Victims of Vegetarians
ABC News's Lee Dye reports on Steven Davis, an Oregon State University animal science scholar who argues that animals are killed to produce food--even vegetarian food:

Nobody's hands are free from the blood of other animals, not even vegetarians, [Davis] concluded. Millions of animals are killed every year, Davis says, to prepare land for growing crops, "like corn, soybean, wheat and barley, the staples of a vegan diet."

The animals in this case are mice and moles and rabbits and other creatures that are run over by tractors, or lose their habitat to make way for farming, so they are not as "visible" as cattle, he says.

And that, Davis says, gives rise to a fundamental question: "What is it that makes it OK to kill animals of the field so that we can eat [vegetables or fruits] but not pigs or chickens or cows?"

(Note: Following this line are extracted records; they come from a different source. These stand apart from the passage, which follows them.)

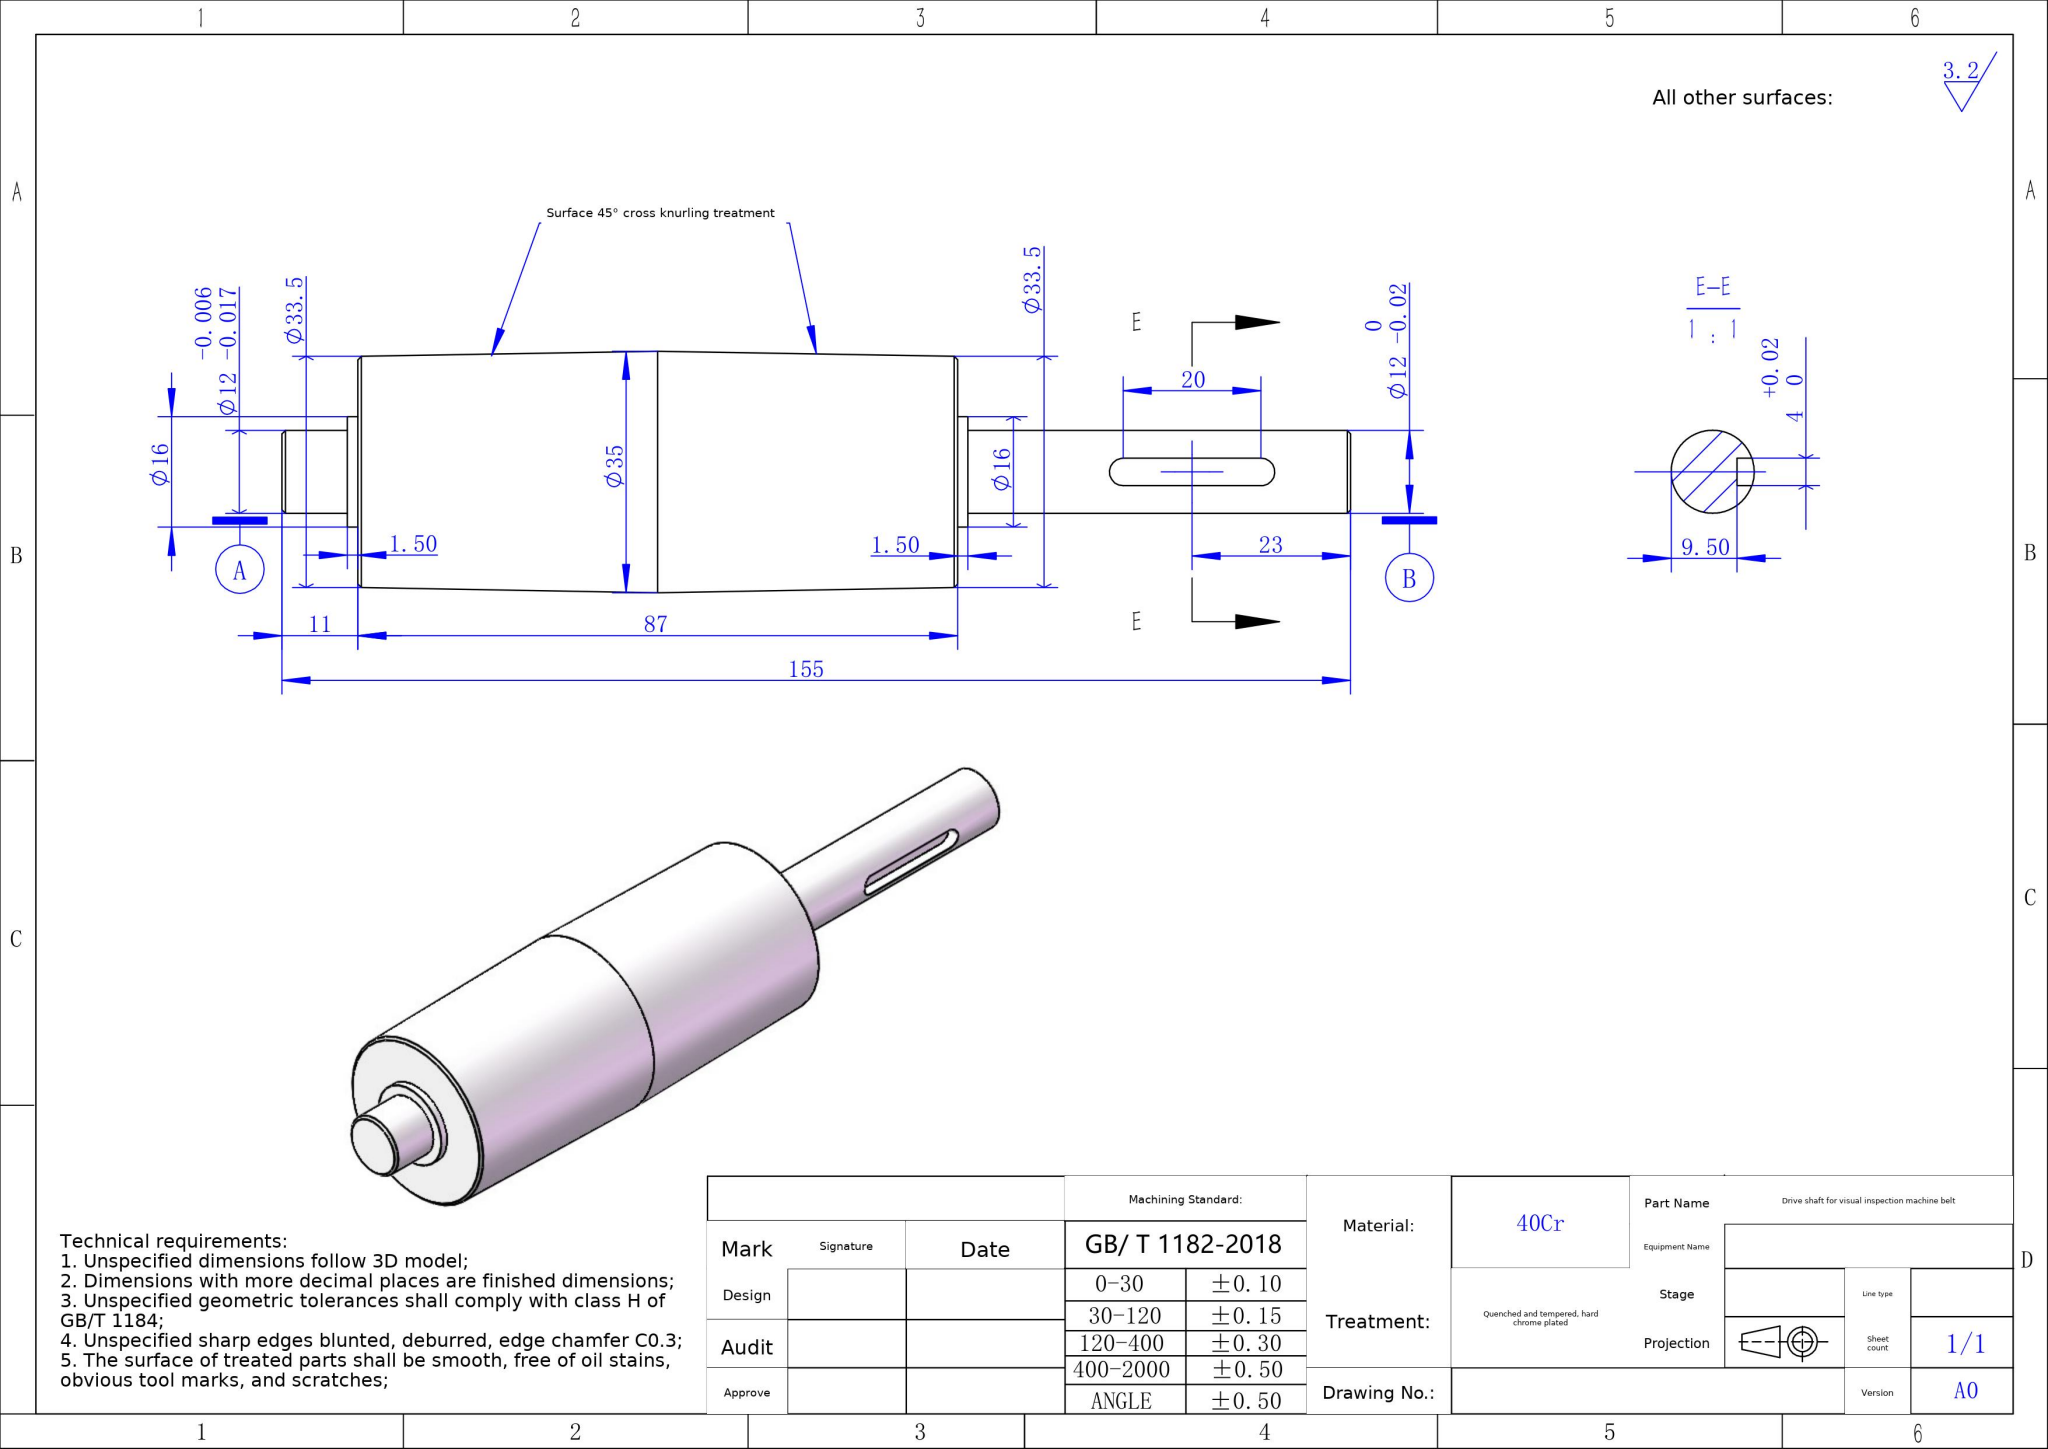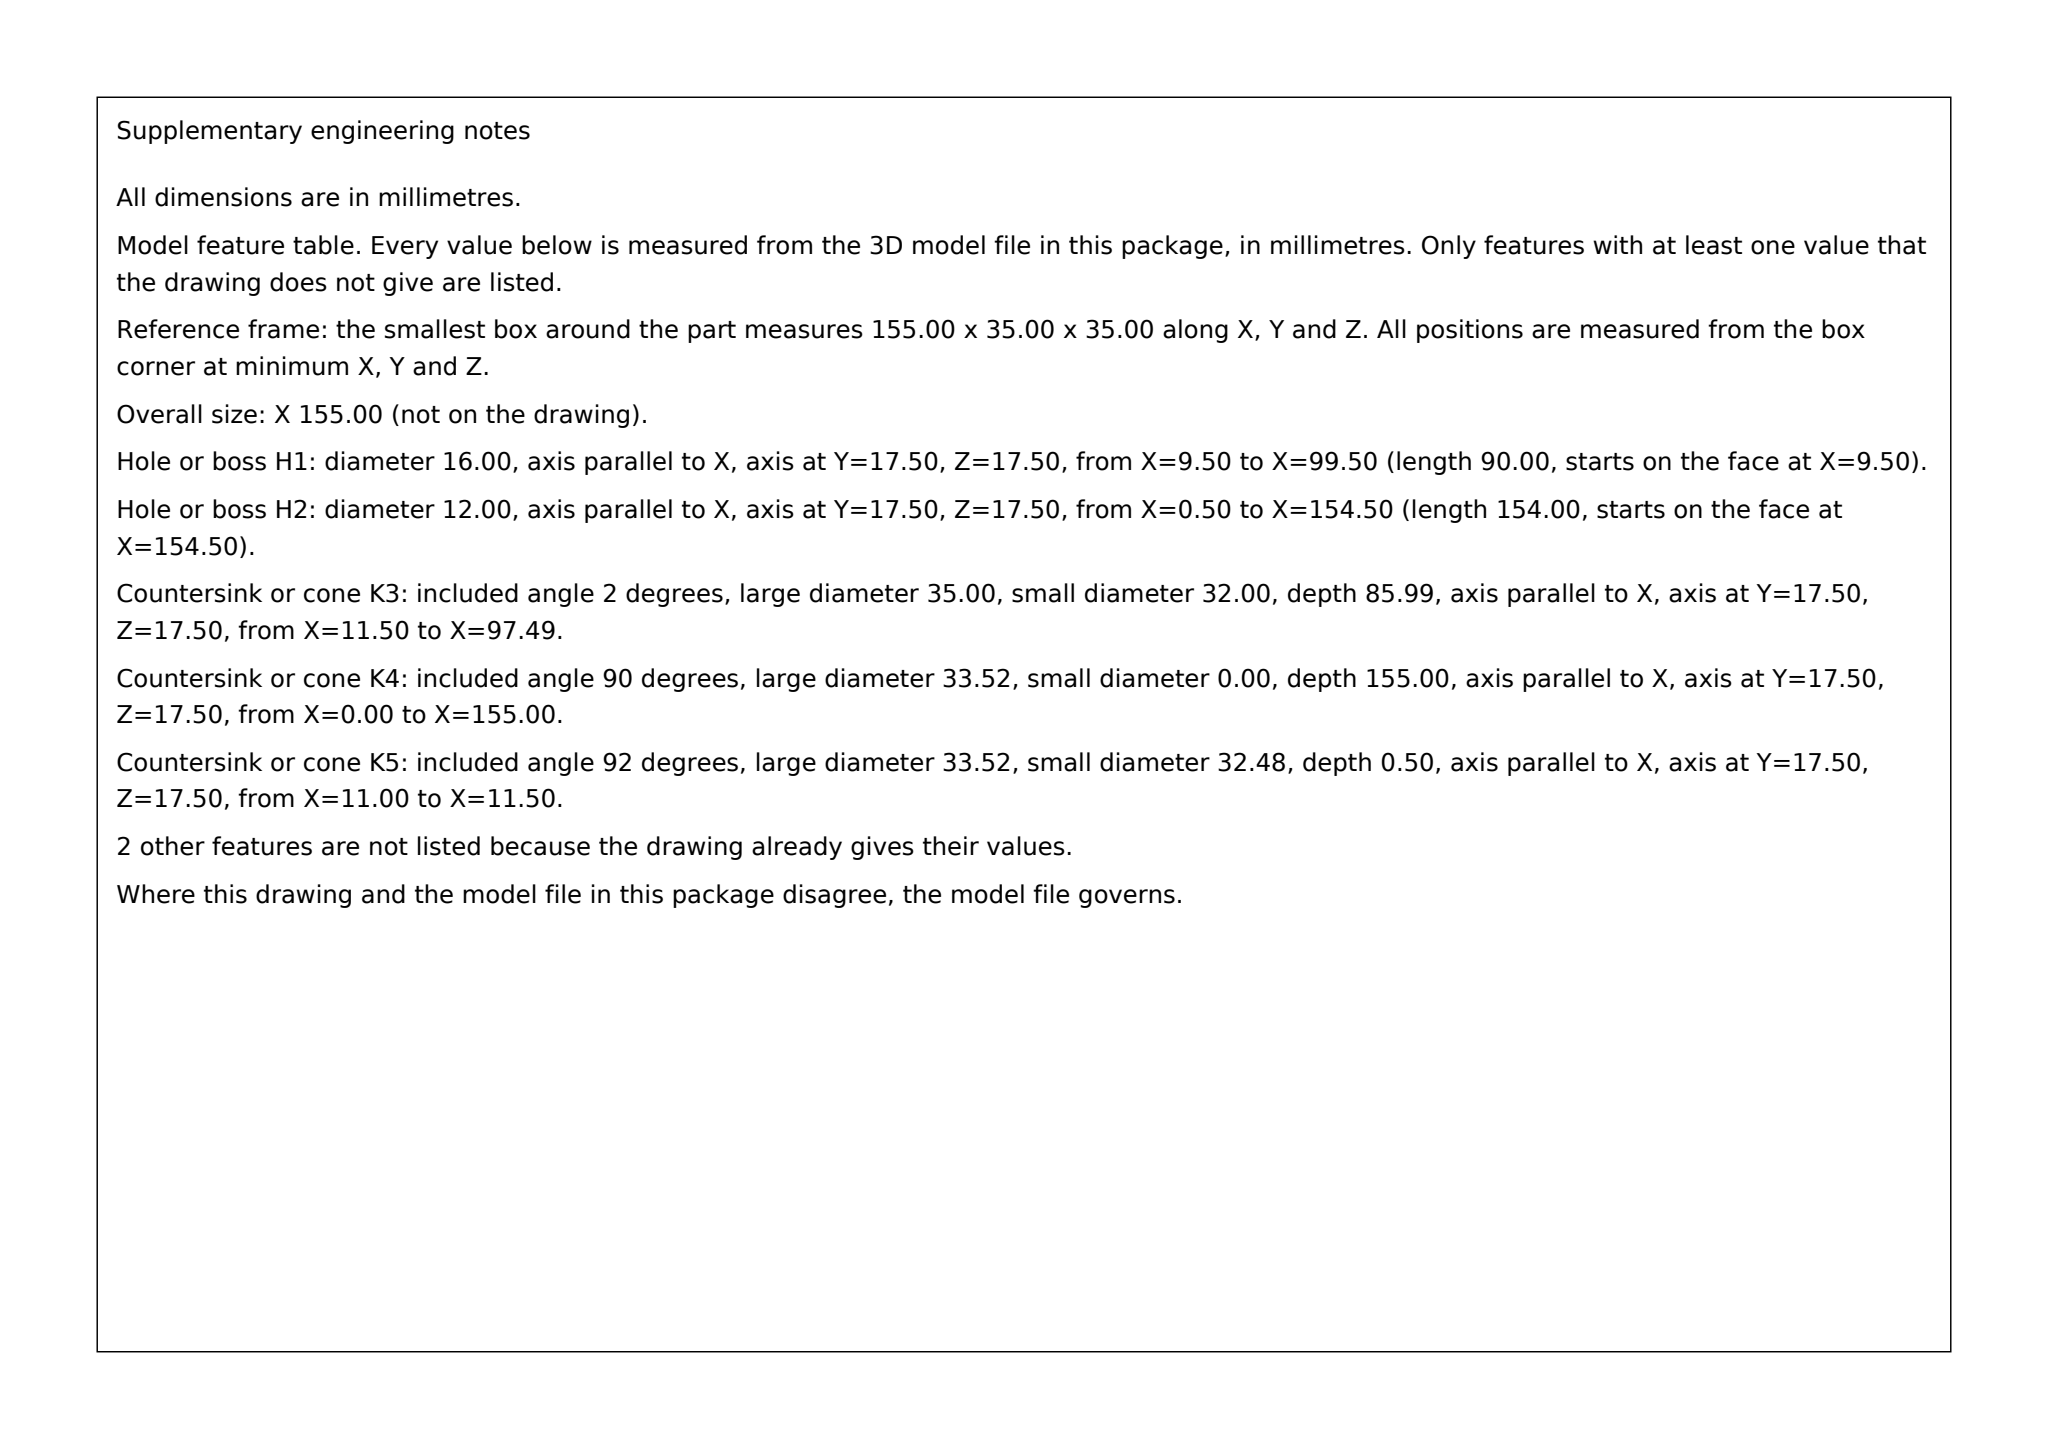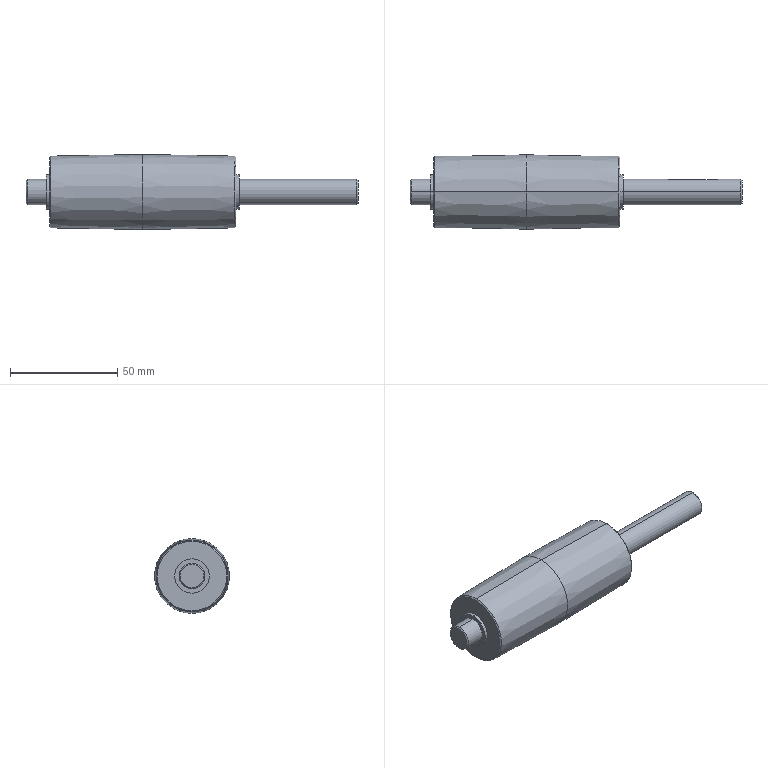Part | SolidWorks | mm | material 40Cr | 1 solid | 31 faces | box 155 x 35 x 35 mm | volume 87865 mm3 | cone 12 | cylinder 10 | plane 9 | commonest cylinder face diameters 12 x4 16 x4 4 x2
build123d program:
from build123d import *
from OCP.BRepFilletAPI import BRepFilletAPI_MakeChamfer

# Parameters (mm, degrees)
CUT_EXTRUDE1_DEPTH = 2.5
CHAMFER1_SIZE      = 0.5
CHAMFER1_SIZE2     = 0.5088


with BuildPart() as part:
    # Sketch1 → Revolve1 (revolve)
    with BuildSketch(Plane.XY, mode=Mode.PRIVATE) as revolve1_sk:
        Polygon((0, 0), (0, 6), (9.5, 6), (9.5, 8), (11, 8), (11, 16.75), (54.5, 17.5), (98, 16.75), (98, 8), (99.5, 8), (99.5, 6), (155, 6), (155, 0), align=None)
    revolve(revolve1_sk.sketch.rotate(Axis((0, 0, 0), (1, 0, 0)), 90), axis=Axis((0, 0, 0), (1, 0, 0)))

Remember that the next time you tuck into a tofu salad.

But Do They Know Where Scotch Comes From?
The BBC reports on a survey of eight- and nine-year-olds in Scottish cities, which found 70% of them thought cotton comes from sheep, more than half think oranges are grown in Scotland, and 30% don't know that eggs come from chickens.

Yankee Ingenuity
"By implanting electrodes in rats' brains, scientists have created remote-controlled rodents they can command to turn left or right, climb trees and navigate piles of rubble--and maybe someday, with the rats outfitted with tiny video cameras, use to search for disaster survivors," CNN reports.

Patently Silly
On April 21, 1998, William A. Fraser was awarded U.S. Patent No. 5,741,336 for "a system for securing a hairpiece to a defined portion of a person's scalp." Just one hitch: In order to keep your wig on, you have to have magnets surgically implanted in your scalp. Who says a bald head can't be attractive?